The title quote is made even more awesome by the fact that he was president of the the Directors Guild of Japan.

Thanks for the introduction; can anyone recommend one of his more accessible films?
posted by el io at 1:36 PM on January 25, 2013 [1 favorite]


Merry Xmas Mr Lawrence was probably his most accessible. Ai No Corrida (In the Realm of the Senses) his most notorious. But personally, I like the earlier stuff (Cruel Story of Youth and Pleasures of the Flesh) and his more radical things from the late sixties -- Diary of a Shinjuku Thief -- though these are much less accessible and harder to find.

I'd also recommend one of his latest films Gatto/Taboo, which is about gay samurai. They're pretty well all worth watching though.
posted by PeterMcDermott at 1:47 PM on January 25, 2013 [3 favorites]


I don't know how anyone could ever hate the humanism of Shohei Imamura, who typically made movies about the downtrodden, the forgotten and the weak. Even has sex! With animals!
posted by KokuRyu at 1:58 PM on January 25, 2013 [1 favorite]

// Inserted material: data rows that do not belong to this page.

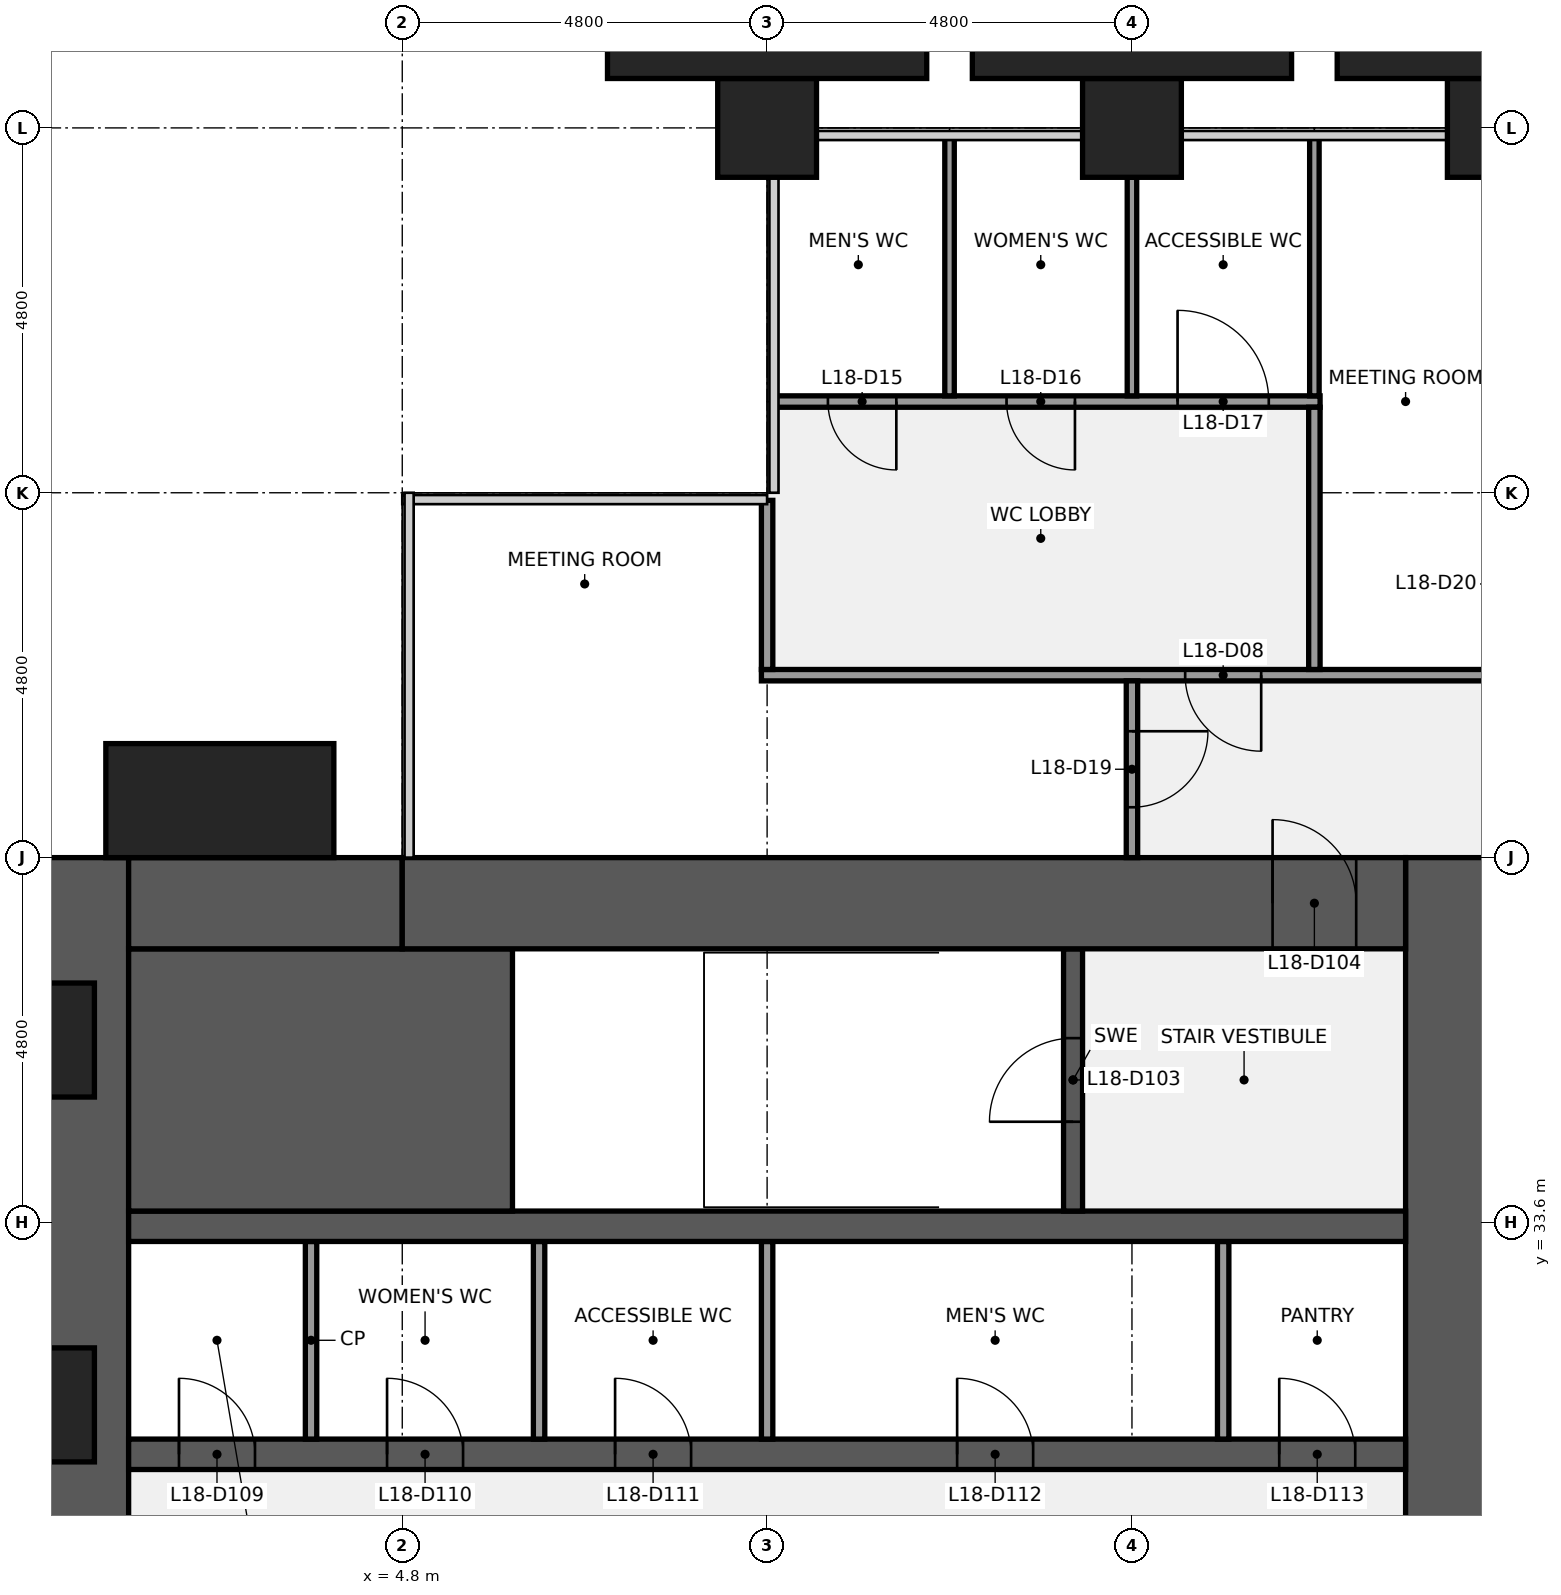
"""IFC4 building model, lengths in metres.
Left out: names, types, materials, properties, quantities, classifications, styles, units other than length and angle.
Written with IfcOpenShell. Run it as: python <this file> out.ifc"""

import sys

from ifc_helpers import new_model, si_unit, direction, frame, frame_2d, origin, origin_2d, place, context, subcontext, project, spatial, rectangle, extrude, element, fill, save


model = new_model("IFC4")
c1 = context("Model", 3, precision=1e-05, world=origin(), true_north=direction((0.0, 1.0)))
c2 = subcontext(c1, "Body", "Model", "MODEL_VIEW")
j1 = project(units=[si_unit("LENGTHUNIT", "METRE"), si_unit("PLANEANGLEUNIT", "RADIAN")], contexts=[c1])
p1 = place(None, origin())
s1 = spatial("IfcSite", under=j1, at=p1, CompositionType="ELEMENT")
p2 = place(p1, origin())
s2 = spatial("IfcBuilding", under=s1, at=p2, CompositionType="ELEMENT")
p3 = place(p2, frame((0.0, 0.0, 83.0)))
s3 = spatial("IfcBuildingStorey", under=s2, at=p3, CompositionType="ELEMENT", Elevation=83.0)
for number, where, z_axis, x_axis in (
    (1, (9.6, 48.0, 0.0), (0.0, 0.0, 1.0), (1.0, 0.0, 0.0)),
    (2, (14.4, 48.0, 0.0), (0.0, 0.0, 1.0), (1.0, 0.0, 0.0)),
    (3, (19.2, 48.0, 0.0), (0.0, 0.0, 1.0), (1.0, 0.0, 0.0)),
):
    element("IfcColumn", number, at=place(p3, frame(where, z_axis=z_axis, x_axis=x_axis)), inside=s3, PredefinedType="COLUMN", context=c2, shape_type="SweptSolid", body=[
        extrude(rectangle(XDim=1.3, YDim=1.3, at=origin_2d()), origin(), (0.0, 0.0, 1.0), 4.0),
    ])
p4 = place(p3, frame((0.6, 9.6, 0.0), z_axis=(0.0, 0.0, 1.0), x_axis=(0.0, 1.0, 0.0)))
e4 = element("IfcWall", 4, at=p4, inside=s3, PredefinedType="SHEAR", context=c2, shape_type="SweptSolid", body=[
    extrude(rectangle(XDim=28.8, YDim=1.2, at=frame_2d((14.4, 0.0))), origin(), (0.0, 0.0, 1.0), 3.7),
])
p5 = place(p4, frame((8.85, 0.0, 0.9)))
e5 = element("IfcOpeningElement", 5, at=p5, cuts=e4, PredefinedType="OPENING", context=c2, shape_type="SweptSolid", body=[
    extrude(rectangle(XDim=1.5, YDim=1.5, at=frame_2d((0.75, 0.75))), frame((0.0, 0.61, 0.0), z_axis=(0.0, -1.0, 0.0), x_axis=(1.0, 0.0, 0.0)), (0.0, 0.0, 1.0), 1.22),
])
p6 = place(p4, frame((18.45, 0.0, 0.9)))
e6 = element("IfcOpeningElement", 6, at=p6, cuts=e4, PredefinedType="OPENING", context=c2, shape_type="SweptSolid", body=[
    extrude(rectangle(XDim=1.5, YDim=1.5, at=frame_2d((0.75, 0.75))), frame((0.0, 0.61, 0.0), z_axis=(0.0, -1.0, 0.0), x_axis=(1.0, 0.0, 0.0)), (0.0, 0.0, 1.0), 1.22),
])
p7 = place(p3, frame((18.6, 38.4, 0.0), z_axis=(0.0, 0.0, 1.0), x_axis=(0.0, -1.0, 0.0)))
e7 = element("IfcWall", 7, at=p7, inside=s3, PredefinedType="SHEAR", context=c2, shape_type="SweptSolid", body=[
    extrude(rectangle(XDim=28.8, YDim=1.2, at=frame_2d((14.4, 0.0))), origin(), (0.0, 0.0, 1.0), 3.7),
])
p8 = place(p7, frame((18.3, 0.0, 0.0)))
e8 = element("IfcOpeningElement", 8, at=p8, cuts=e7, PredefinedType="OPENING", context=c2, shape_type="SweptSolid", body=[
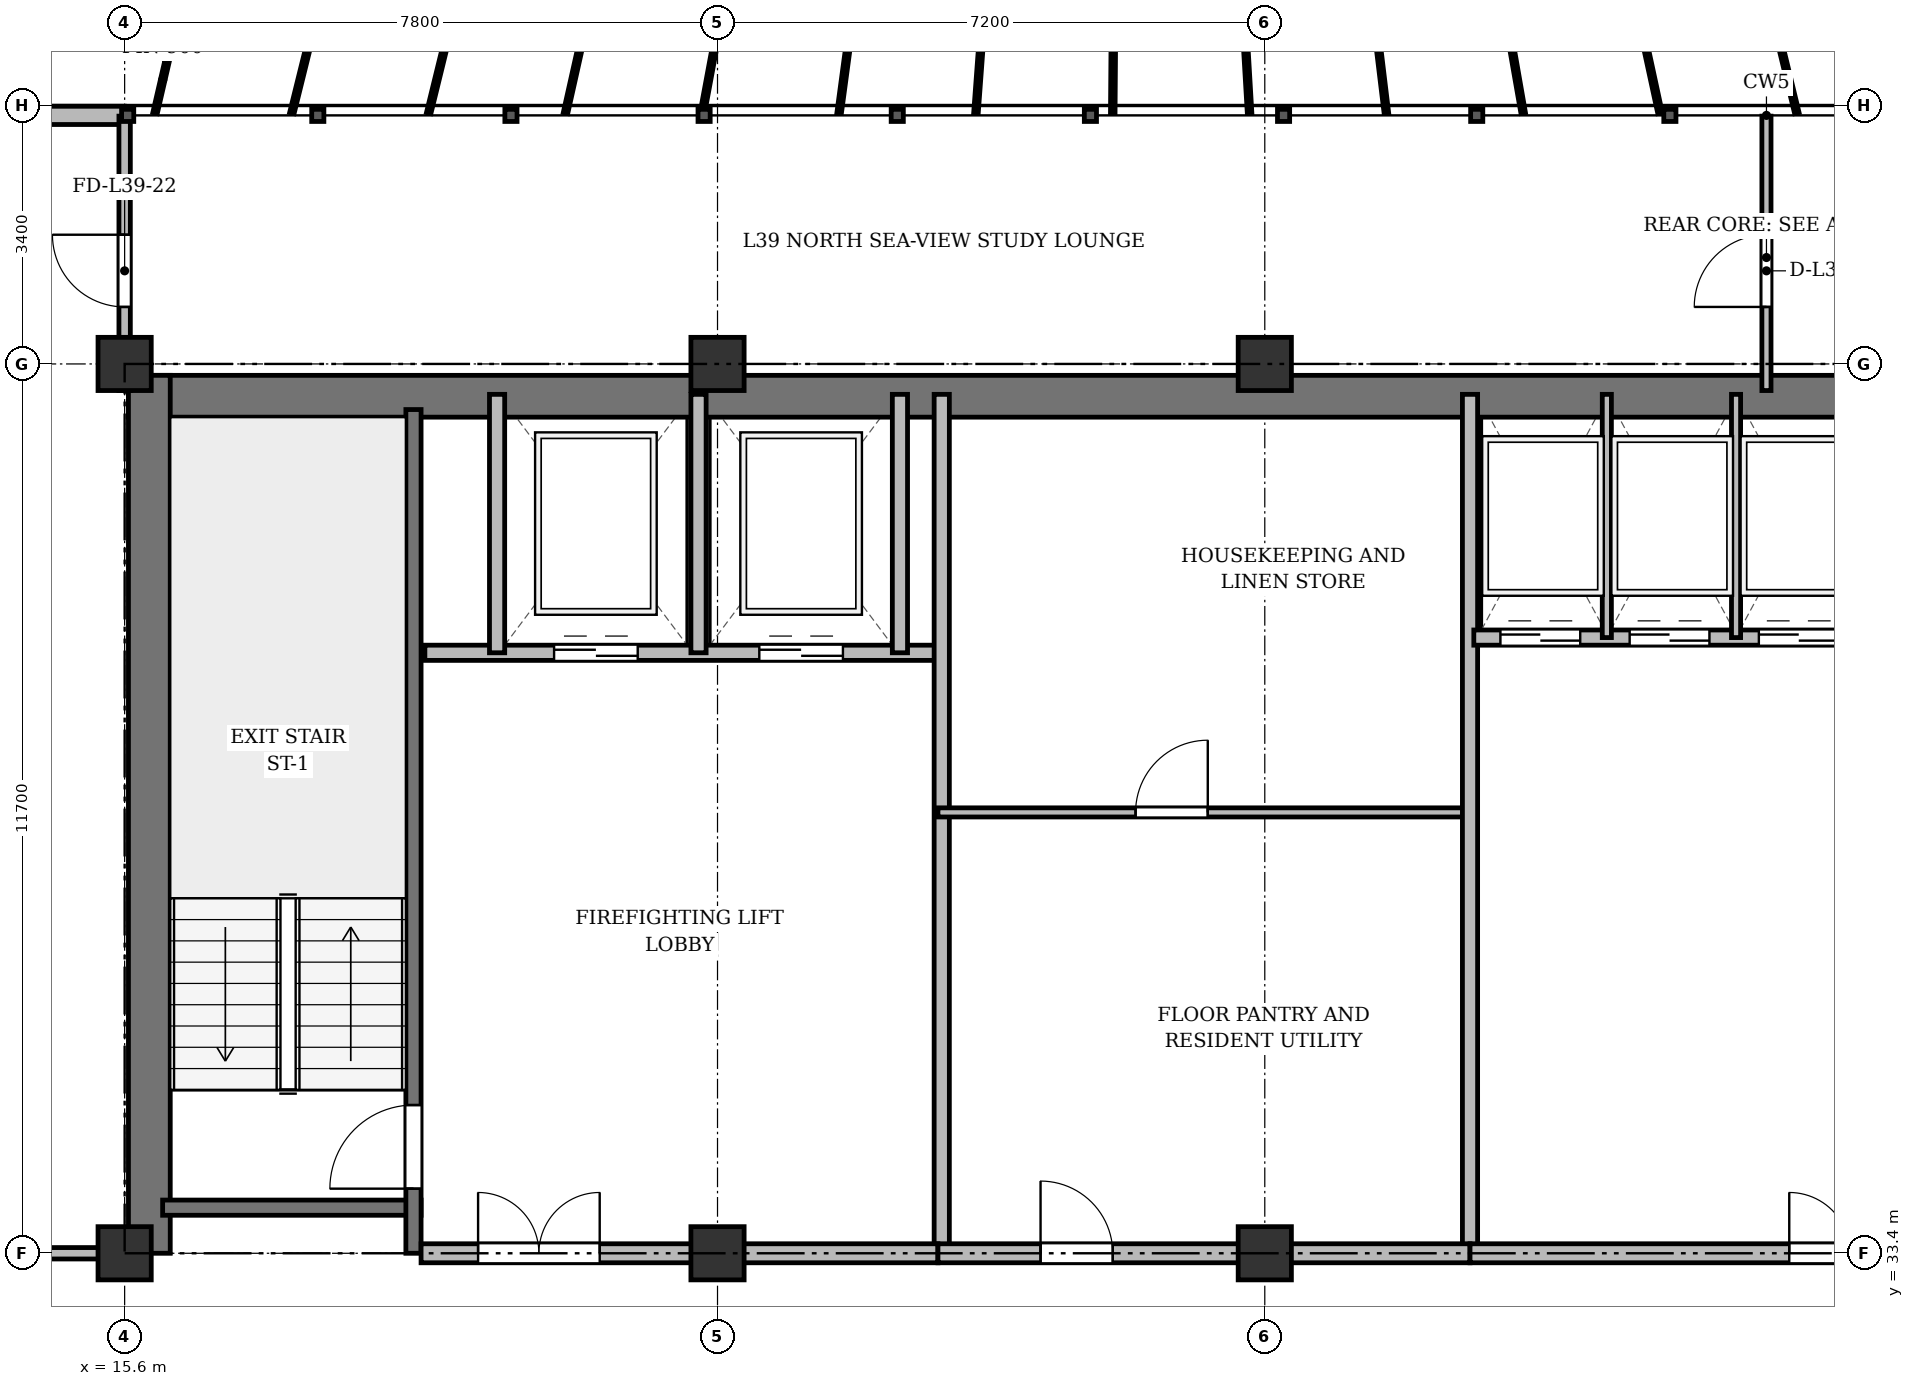
"""IFC4 building model, lengths in metres.
Left out: names, types, materials, properties, quantities, classifications, styles, units other than length and angle.
Written with IfcOpenShell. Run it as: python <this file> out.ifc"""

import sys

from ifc_helpers import new_model, si_unit, direction, frame, frame_2d, origin, origin_2d, place, context, subcontext, project, spatial, rectangle, extrude, source, transform, mapped, element, fill, save


model = new_model("IFC4")
c1 = context("Model", 3, precision=1e-05, world=origin(), true_north=direction((0.0, 1.0)))
c2 = subcontext(c1, "Body", "Model", "MODEL_VIEW")
j1 = project(units=[si_unit("LENGTHUNIT", "METRE"), si_unit("PLANEANGLEUNIT", "RADIAN")], contexts=[c1])
p1 = place(None, origin())
s1 = spatial("IfcSite", under=j1, at=p1, CompositionType="ELEMENT")
p2 = place(p1, origin())
s2 = spatial("IfcBuilding", under=s1, at=p2, CompositionType="ELEMENT")
p3 = place(p2, frame((0.0, 0.0, 150.1)))
s3 = spatial("IfcBuildingStorey", under=s2, at=p3, CompositionType="ELEMENT", Elevation=150.1)
m1 = source(origin(), c2, "Body", "SweptSolid", [
    extrude(rectangle(XDim=0.7, YDim=0.7, at=origin_2d()), origin(), (0.0, 0.0, 1.0), 3.6),
])
for number, where, z_axis, x_axis in (
    (1, (15.6, 33.4, 0.0), (0.0, 0.0, 1.0), (1.0, 0.0, 0.0)),
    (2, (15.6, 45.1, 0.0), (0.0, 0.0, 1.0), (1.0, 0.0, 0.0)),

Oh, he's the guy that did "Merry Christmas, Mr. Lawrence?"

Yeah, he's a neat guy.
posted by infinitywaltz at 2:20 PM on January 25, 2013


OMG, he did "Max, mon Amour!" I saw this one night uncut on German television without having the slightest clue what it was going to be about -- unbelievably lucky. If you can pull it off, seeing this movie unspoiled is a hell of an experience. Get somebody else to start the film, don't look at the box, or call me over and I'll set it up for you. A strange, affecting film. Whose plot I am not going to begin to describe.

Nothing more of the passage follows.